# EEE PC 1005PE geht aus



## GPHENOM (18. Mai 2010)

Hallo Forum,

Ich hab eben ein seltsamen Problem festgestellt.
Wenn ich meine externe Festplatte (Freecom Mobile Drive XXS) an den linken USB Anschluss anschließe geht das Netbook einfach aus.
An einen der beiden rechten funktioniert es problemlos.
Wenn ich einen Stick anschließe geht es auch.

Hab schon mal gegoogelt, aber nichts gefunden.

Nervt schon ziemlich.

Hoffe jemand kann mir Helfen


----------



## nfsgame (18. Mai 2010)

Eventuell ziehtd ei HDD einfach zuviel Leistung (Strom) aus dem Port . Manche Laptops haben da pro Buchse verschiedene Spezifikationen.


----------



## GPHENOM (18. Mai 2010)

Eben ging die platte am USB kurz.
Jetzt wieder nicht.^^


----------



## sanQn (19. Mai 2010)

Was eher unwahrschnlich ist aber trotzdem vorkommen kann ist, dass es einen Kurzschluss gibt und daruch sich das Notebook aufhängt. Wenn dass Notebook ausgeht, musst du es dann Neustarten? Versuch mal das Gehäuse des USB Seckers mit dem Gehäuse der USB Buchse zu berühren. Wenn das Notebook ausgeht, dann handelt es sich bei dir um einen Kurzschulss.


----------



## PierreSacher[ASUS] (20. Mai 2010)

Hallo AMDPHENOMX3,

passiert das im Akku und Netzbetrieb?
Unabhängig an welchen USB Port du die externe HDD anschließt?

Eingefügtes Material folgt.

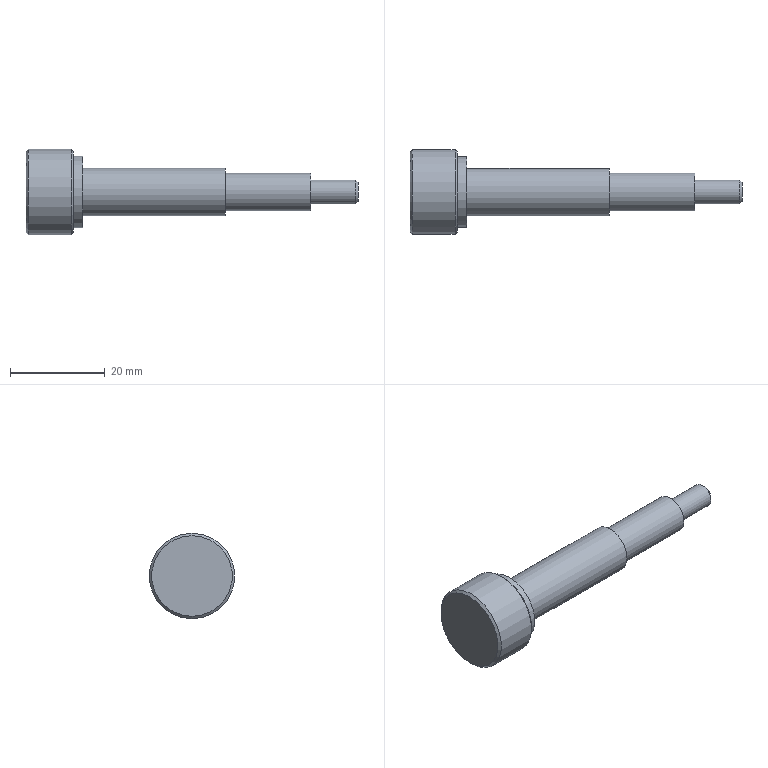Component | NX | CYLINDER_SHAFT | 1 solid | 14 faces | box 70 x 18 x 18 mm | volume 6340 mm3 | plane 6 | cylinder 5 | cone 3 | commonest cylinder face diameters 18 x1 15 x1 10 x1 8 x1 5 x1
STEP:
#1=CARTESIAN_POINT('',(0.,0.,0.));
#2=DIRECTION('',(0.,0.,1.));
#3=DIRECTION('',(1.,0.,0.));
#4=AXIS2_PLACEMENT_3D('',#1,#2,#3);
#5=CARTESIAN_POINT('',(-36.,0.,23.5));
#6=VERTEX_POINT('',#5);
#7=CARTESIAN_POINT('',(-36.,0.,32.));
#8=DIRECTION('',(1.,0.,0.));
#9=DIRECTION('',(0.,0.,-1.));
#10=AXIS2_PLACEMENT_3D('',#7,#8,#9);
#11=CIRCLE('',#10,8.5);
#12=CARTESIAN_POINT('',(-36.,0.,32.));
#13=DIRECTION('',(1.,0.,0.));
#14=DIRECTION('',(0.,0.,-1.));
#15=AXIS2_PLACEMENT_3D('',#12,#13,#14);
#16=PLANE('',#15);
#17=CARTESIAN_POINT('',(0.,0.));
#18=DIRECTION('',(1.,0.));
#19=AXIS2_PLACEMENT_2D('',#17,#18);
#20=CIRCLE('',#19,8.5);
#21=(GEOMETRIC_REPRESENTATION_CONTEXT(2)PARAMETRIC_REPRESENTATION_CONTEXT()REPRESENTATION_CONTEXT('',''));
#22=DEFINITIONAL_REPRESENTATION('',(#20),#21);
#23=PCURVE('',#16,#22);
#24=CARTESIAN_POINT('',(-36.5,0.,32.));
#25=DIRECTION('',(-1.,0.,0.));
#26=DIRECTION('',(0.,0.,1.));
#27=AXIS2_PLACEMENT_3D('',#24,#25,#26);
#28=CONICAL_SURFACE('',#27,9.,0.7854);
#29=CARTESIAN_POINT('',(9.425,-0.5));
#30=DIRECTION('',(-1.,0.));
#31=VECTOR('',#30,1.);
#32=LINE('',#29,#31);
#33=(GEOMETRIC_REPRESENTATION_CONTEXT(2)PARAMETRIC_REPRESENTATION_CONTEXT()REPRESENTATION_CONTEXT('',''));
#34=DEFINITIONAL_REPRESENTATION('',(#32),#33);
#35=PCURVE('',#28,#34);
#36=SURFACE_CURVE('',#11,(#23,#35),.PCURVE_S1.);
#37=EDGE_CURVE('',#6,#6,#36,.T.);
#38=ORIENTED_EDGE('',*,*,#37,.T.);
#39=EDGE_LOOP('',(#38));
#40=FACE_BOUND('',#39,.T.);
#41=CARTESIAN_POINT('',(-36.,0.,24.5));
#42=VERTEX_POINT('',#41);
#43=CARTESIAN_POINT('',(-36.,0.,32.));
#44=DIRECTION('',(1.,0.,0.));
#45=DIRECTION('',(0.,0.,-1.));
#46=AXIS2_PLACEMENT_3D('',#43,#44,#45);
#47=CIRCLE('',#46,7.5);
#48=CARTESIAN_POINT('',(0.,0.));
#49=DIRECTION('',(1.,0.));
#50=AXIS2_PLACEMENT_2D('',#48,#49);
#51=CIRCLE('',#50,7.5);
#52=(GEOMETRIC_REPRESENTATION_CONTEXT(2)PARAMETRIC_REPRESENTATION_CONTEXT()REPRESENTATION_CONTEXT('',''));
#53=DEFINITIONAL_REPRESENTATION('',(#51),#52);
#54=PCURVE('',#16,#53);
#55=CARTESIAN_POINT('',(-36.,0.,32.));
#56=DIRECTION('',(1.,0.,0.));
#57=DIRECTION('',(0.,0.,-1.));
#58=AXIS2_PLACEMENT_3D('',#55,#56,#57);
#59=CYLINDRICAL_SURFACE('',#58,7.5);
#60=CARTESIAN_POINT('',(0.,0.));
#61=DIRECTION('',(1.,0.));
#62=VECTOR('',#61,1.);
#63=LINE('',#60,#62);
#64=(GEOMETRIC_REPRESENTATION_CONTEXT(2)PARAMETRIC_REPRESENTATION_CONTEXT()REPRESENTATION_CONTEXT('',''));
#65=DEFINITIONAL_REPRESENTATION('',(#63),#64);
#66=PCURVE('',#59,#65);
#67=SURFACE_CURVE('',#47,(#54,#66),.PCURVE_S1.);
#68=EDGE_CURVE('',#42,#42,#67,.T.);
#69=ORIENTED_EDGE('',*,*,#68,.F.);
#70=EDGE_LOOP('',(#69));
#71=FACE_BOUND('',#70,.T.);
#72=ADVANCED_FACE('',(#40,#71),#16,.T.);
#73=CARTESIAN_POINT('',(-46.,0.,40.5));
#74=VERTEX_POINT('',#73);
#75=CARTESIAN_POINT('',(-46.,0.,32.));
#76=DIRECTION('',(-1.,0.,0.));
#77=DIRECTION('',(0.,0.,1.));
#78=AXIS2_PLACEMENT_3D('',#75,#76,#77);
#79=CIRCLE('',#78,8.5);
#80=CARTESIAN_POINT('',(-46.,0.,32.));
#81=DIRECTION('',(-1.,0.,0.));
#82=DIRECTION('',(0.,0.,1.));
#83=AXIS2_PLACEMENT_3D('',#80,#81,#82);
#84=PLANE('',#83);
#85=CARTESIAN_POINT('',(0.,0.));
#86=DIRECTION('',(1.,0.));
#87=AXIS2_PLACEMENT_2D('',#85,#86);
#88=CIRCLE('',#87,8.5);
#89=(GEOMETRIC_REPRESENTATION_CONTEXT(2)PARAMETRIC_REPRESENTATION_CONTEXT()REPRESENTATION_CONTEXT('',''));
#90=DEFINITIONAL_REPRESENTATION('',(#88),#89);
#91=PCURVE('',#84,#90);
#92=CARTESIAN_POINT('',(-45.5,0.,32.));
#93=DIRECTION('',(1.,0.,0.));
#94=DIRECTION('',(0.,0.,-1.));
#95=AXIS2_PLACEMENT_3D('',#92,#93,#94);
#96=CONICAL_SURFACE('',#95,9.,0.7854);
#97=CARTESIAN_POINT('',(9.425,-0.5));
#98=DIRECTION('',(-1.,0.));
#99=VECTOR('',#98,1.);
#100=LINE('',#97,#99);
#101=(GEOMETRIC_REPRESENTATION_CONTEXT(2)PARAMETRIC_REPRESENTATION_CONTEXT()REPRESENTATION_CONTEXT('',''));
#102=DEFINITIONAL_REPRESENTATION('',(#100),#101);
#103=PCURVE('',#96,#102);
#104=SURFACE_CURVE('',#79,(#91,#103),.PCURVE_S1.);
#105=EDGE_CURVE('',#74,#74,#104,.T.);
#106=ORIENTED_EDGE('',*,*,#105,.T.);
#107=EDGE_LOOP('',(#106));
#108=FACE_BOUND('',#107,.T.);
#109=ADVANCED_FACE('',(#108),#84,.T.);
#110=CARTESIAN_POINT('',(-45.5,0.,41.));
#111=VERTEX_POINT('',#110);
#112=CARTESIAN_POINT('',(-45.5,-0.,23.));
#113=VERTEX_POINT('',#112);
#114=CARTESIAN_POINT('',(-45.5,0.,32.));
#115=DIRECTION('',(1.,0.,0.));
#116=DIRECTION('',(0.,0.,1.));
#117=AXIS2_PLACEMENT_3D('',#114,#115,#116);
#118=CIRCLE('',#117,9.);
#119=CARTESIAN_POINT('',(-46.,0.,32.));
#120=DIRECTION('',(1.,0.,0.));
#121=DIRECTION('',(0.,0.,-1.));
#122=AXIS2_PLACEMENT_3D('',#119,#120,#121);
#123=CYLINDRICAL_SURFACE('',#122,9.);
#124=CARTESIAN_POINT('',(3.142,0.5));
#125=DIRECTION('',(1.,0.));
#126=VECTOR('',#125,1.);
#127=LINE('',#124,#126);
#128=(GEOMETRIC_REPRESENTATION_CONTEXT(2)PARAMETRIC_REPRESENTATION_CONTEXT()REPRESENTATION_CONTEXT('',''));
#129=DEFINITIONAL_REPRESENTATION('',(#127),#128);
#130=PCURVE('',#123,#129);
#131=CARTESIAN_POINT('',(3.142,0.));
#132=DIRECTION('',(1.,0.));
#133=VECTOR('',#132,1.);
#134=LINE('',#131,#133);
#135=(GEOMETRIC_REPRESENTATION_CONTEXT(2)PARAMETRIC_REPRESENTATION_CONTEXT()REPRESENTATION_CONTEXT('',''));
#136=DEFINITIONAL_REPRESENTATION('',(#134),#135);
#137=PCURVE('',#96,#136);
#138=SURFACE_CURVE('',#118,(#130,#137),.PCURVE_S1.);
#139=EDGE_CURVE('',#111,#113,#138,.T.);
#140=ORIENTED_EDGE('',*,*,#139,.T.);
#141=CARTESIAN_POINT('',(-36.5,0.,23.));
#142=VERTEX_POINT('',#141);
#143=CARTESIAN_POINT('',(-45.5,0.,23.));
#144=CARTESIAN_POINT('',(-36.5,0.,23.));
#145=B_SPLINE_CURVE_WITH_KNOTS('',1,(#143,#144),.UNSPECIFIED.,.F.,.F.,(2,2),(0.5,9.5),.PIECEWISE_BEZIER_KNOTS.);
#146=CARTESIAN_POINT('',(6.283,0.));
#147=DIRECTION('',(0.,1.));
#148=VECTOR('',#147,1.);
#149=LINE('',#146,#148);
#150=(GEOMETRIC_REPRESENTATION_CONTEXT(2)PARAMETRIC_REPRESENTATION_CONTEXT()REPRESENTATION_CONTEXT('',''));
#151=DEFINITIONAL_REPRESENTATION('',(#149),#150);
#152=PCURVE('',#123,#151);
#153=CARTESIAN_POINT('',(0.,0.));
#154=DIRECTION('',(0.,1.));
#155=VECTOR('',#154,1.);
#156=LINE('',#153,#155);
#157=(GEOMETRIC_REPRESENTATION_CONTEXT(2)PARAMETRIC_REPRESENTATION_CONTEXT()REPRESENTATION_CONTEXT('',''));
#158=DEFINITIONAL_REPRESENTATION('',(#156),#157);
#159=PCURVE('',#123,#158);
#160=SEAM_CURVE('',#145,(#152,#159),.PCURVE_S1.);
#161=EDGE_CURVE('',#113,#142,#160,.T.);
#162=ORIENTED_EDGE('',*,*,#161,.T.);
#163=CARTESIAN_POINT('',(-36.5,0.,32.));
#164=DIRECTION('',(-1.,0.,0.));
#165=DIRECTION('',(0.,0.,-1.));
#166=AXIS2_PLACEMENT_3D('',#163,#164,#165);
#167=CIRCLE('',#166,9.);
#168=CARTESIAN_POINT('',(6.283,9.5));
#169=DIRECTION('',(-1.,0.));
#170=VECTOR('',#169,1.);
#171=LINE('',#168,#170);
#172=(GEOMETRIC_REPRESENTATION_CONTEXT(2)PARAMETRIC_REPRESENTATION_CONTEXT()REPRESENTATION_CONTEXT('',''));
#173=DEFINITIONAL_REPRESENTATION('',(#171),#172);
#174=PCURVE('',#123,#173);
#175=CARTESIAN_POINT('',(3.142,0.));
#176=DIRECTION('',(1.,0.));
#177=VECTOR('',#176,1.);
#178=LINE('',#175,#177);
#179=(GEOMETRIC_REPRESENTATION_CONTEXT(2)PARAMETRIC_REPRESENTATION_CONTEXT()REPRESENTATION_CONTEXT('',''));
#180=DEFINITIONAL_REPRESENTATION('',(#178),#179);
#181=PCURVE('',#28,#180);
#182=SURFACE_CURVE('',#167,(#174,#181),.PCURVE_S1.);
#183=EDGE_CURVE('',#142,#142,#182,.T.);
#184=ORIENTED_EDGE('',*,*,#183,.T.);
#185=ORIENTED_EDGE('',*,*,#161,.F.);
#186=CARTESIAN_POINT('',(-45.5,0.,32.));
#187=DIRECTION('',(1.,0.,0.));
#188=DIRECTION('',(0.,0.,1.));
#189=AXIS2_PLACEMENT_3D('',#186,#187,#188);
#190=CIRCLE('',#189,9.);
#191=CARTESIAN_POINT('',(-3.142,0.5));
#192=DIRECTION('',(1.,0.));
#193=VECTOR('',#192,1.);
#194=LINE('',#191,#193);
#195=(GEOMETRIC_REPRESENTATION_CONTEXT(2)PARAMETRIC_REPRESENTATION_CONTEXT()REPRESENTATION_CONTEXT('',''));
#196=DEFINITIONAL_REPRESENTATION('',(#194),#195);
#197=PCURVE('',#123,#196);
#198=CARTESIAN_POINT('',(3.142,0.));
#199=DIRECTION('',(1.,0.));
#200=VECTOR('',#199,1.);
#201=LINE('',#198,#200);
#202=(GEOMETRIC_REPRESENTATION_CONTEXT(2)PARAMETRIC_REPRESENTATION_CONTEXT()REPRESENTATION_CONTEXT('',''));
#203=DEFINITIONAL_REPRESENTATION('',(#201),#202);
#204=PCURVE('',#96,#203);
#205=SURFACE_CURVE('',#190,(#197,#204),.PCURVE_S1.);
#206=EDGE_CURVE('',#113,#111,#205,.T.);
#207=ORIENTED_EDGE('',*,*,#206,.T.);
#208=EDGE_LOOP('',(#140,#162,#184,#185,#207));
#209=FACE_BOUND('',#208,.T.);
#210=ADVANCED_FACE('',(#209),#123,.T.);
#211=CARTESIAN_POINT('',(-34.,0.,27.));
#212=VERTEX_POINT('',#211);
#213=CARTESIAN_POINT('',(-34.,0.,32.));
#214=DIRECTION('',(1.,0.,0.));
#215=DIRECTION('',(0.,0.,-1.));
#216=AXIS2_PLACEMENT_3D('',#213,#214,#215);
#217=CIRCLE('',#216,5.);
#218=CARTESIAN_POINT('',(-34.,0.,32.));
#219=DIRECTION('',(1.,0.,0.));
#220=DIRECTION('',(0.,0.,-1.));
#221=AXIS2_PLACEMENT_3D('',#218,#219,#220);
#222=PLANE('',#221);
#223=CARTESIAN_POINT('',(0.,0.));
#224=DIRECTION('',(1.,0.));
#225=AXIS2_PLACEMENT_2D('',#223,#224);
#226=CIRCLE('',#225,5.);
#227=(GEOMETRIC_REPRESENTATION_CONTEXT(2)PARAMETRIC_REPRESENTATION_CONTEXT()REPRESENTATION_CONTEXT('',''));
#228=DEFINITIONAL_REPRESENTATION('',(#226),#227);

Benötigt die extene HDD 2 USB Anschlüsse zur Stromversorung (also so ein Mini USB Doppel Kabel)


----------



## GPHENOM (20. Mai 2010)

Es passiert im Akku und netzbetrieb.
Es passiert nur am linken USB der ja alleine ist.
Die Festplatte braucht Eigentlich nur 1 Kabel, war auch kein anderes dabei.


----------



## PierreSacher[ASUS] (20. Mai 2010)

wie schaut es an den anderen Ports aus?
wenn ich die Specs richtig im Kopf hab sollte das Gerät 3 USB Ports haben einen einzelnen und zwei auf der anderen Seite


----------



## gettohomie (20. Mai 2010)

naja einen Kurzschluss bezeifel ich stark


----------



## PierreSacher[ASUS] (20. Mai 2010)

glaub ich auch nicht aber wenn an dem Port andere USB Gerät auch Probleme machen ist es leider doch möglich


----------



## GPHENOM (20. Mai 2010)

Die anderen beiden Ports an der rechten seite gehen.
Ich hab auch mal mehrer USB sachen durchprobiert bisher hat keins so einen Absturz verursacht.


----------



## PierreSacher[ASUS] (20. Mai 2010)

also wenn du auf Nummersicher gehen willst das es nicht doch ein defekt ist:
Relay !.
Wir hohlen den kleinen dann ab oder du kannst Ihn kostenlos in einer DHL Filiale abgeben und unser Partner Arvato checkt den kleinen mal durch.


----------



## gettohomie (20. Mai 2010)

Es kann aber auch sein das die Platte mehr als 100mA aus den USB zieht und das schaft so ein steckplatz nicht . MH obwohl es eigendlich auch nicht sein kann, weil die Hersteller es ja vorher testen (Glaube ich )

MFG


----------



## PierreSacher[ASUS] (20. Mai 2010)

nee der sollte locker 500mA schaffen denn dafür ist der USB Port spezifiziert


----------



## gettohomie (20. Mai 2010)

echt ich habe ma gelessen das USB 2.0 100mA und USB3.0 150mA Unterstützt


----------



## GPHENOM (20. Mai 2010)

500mA ist Standard bei USB 2.0 aber ich hab hier mal gefragt und die meinen das die Platte zuviel Strom zieht.


----------



## PierreSacher[ASUS] (20. Mai 2010)

besorg dir mal ein Kabel mit zwei USB Anschlüssen also einem zusätzlichem für Strom dann sollte es klappen bringt dir dann nur warscheinlich nicht viel


----------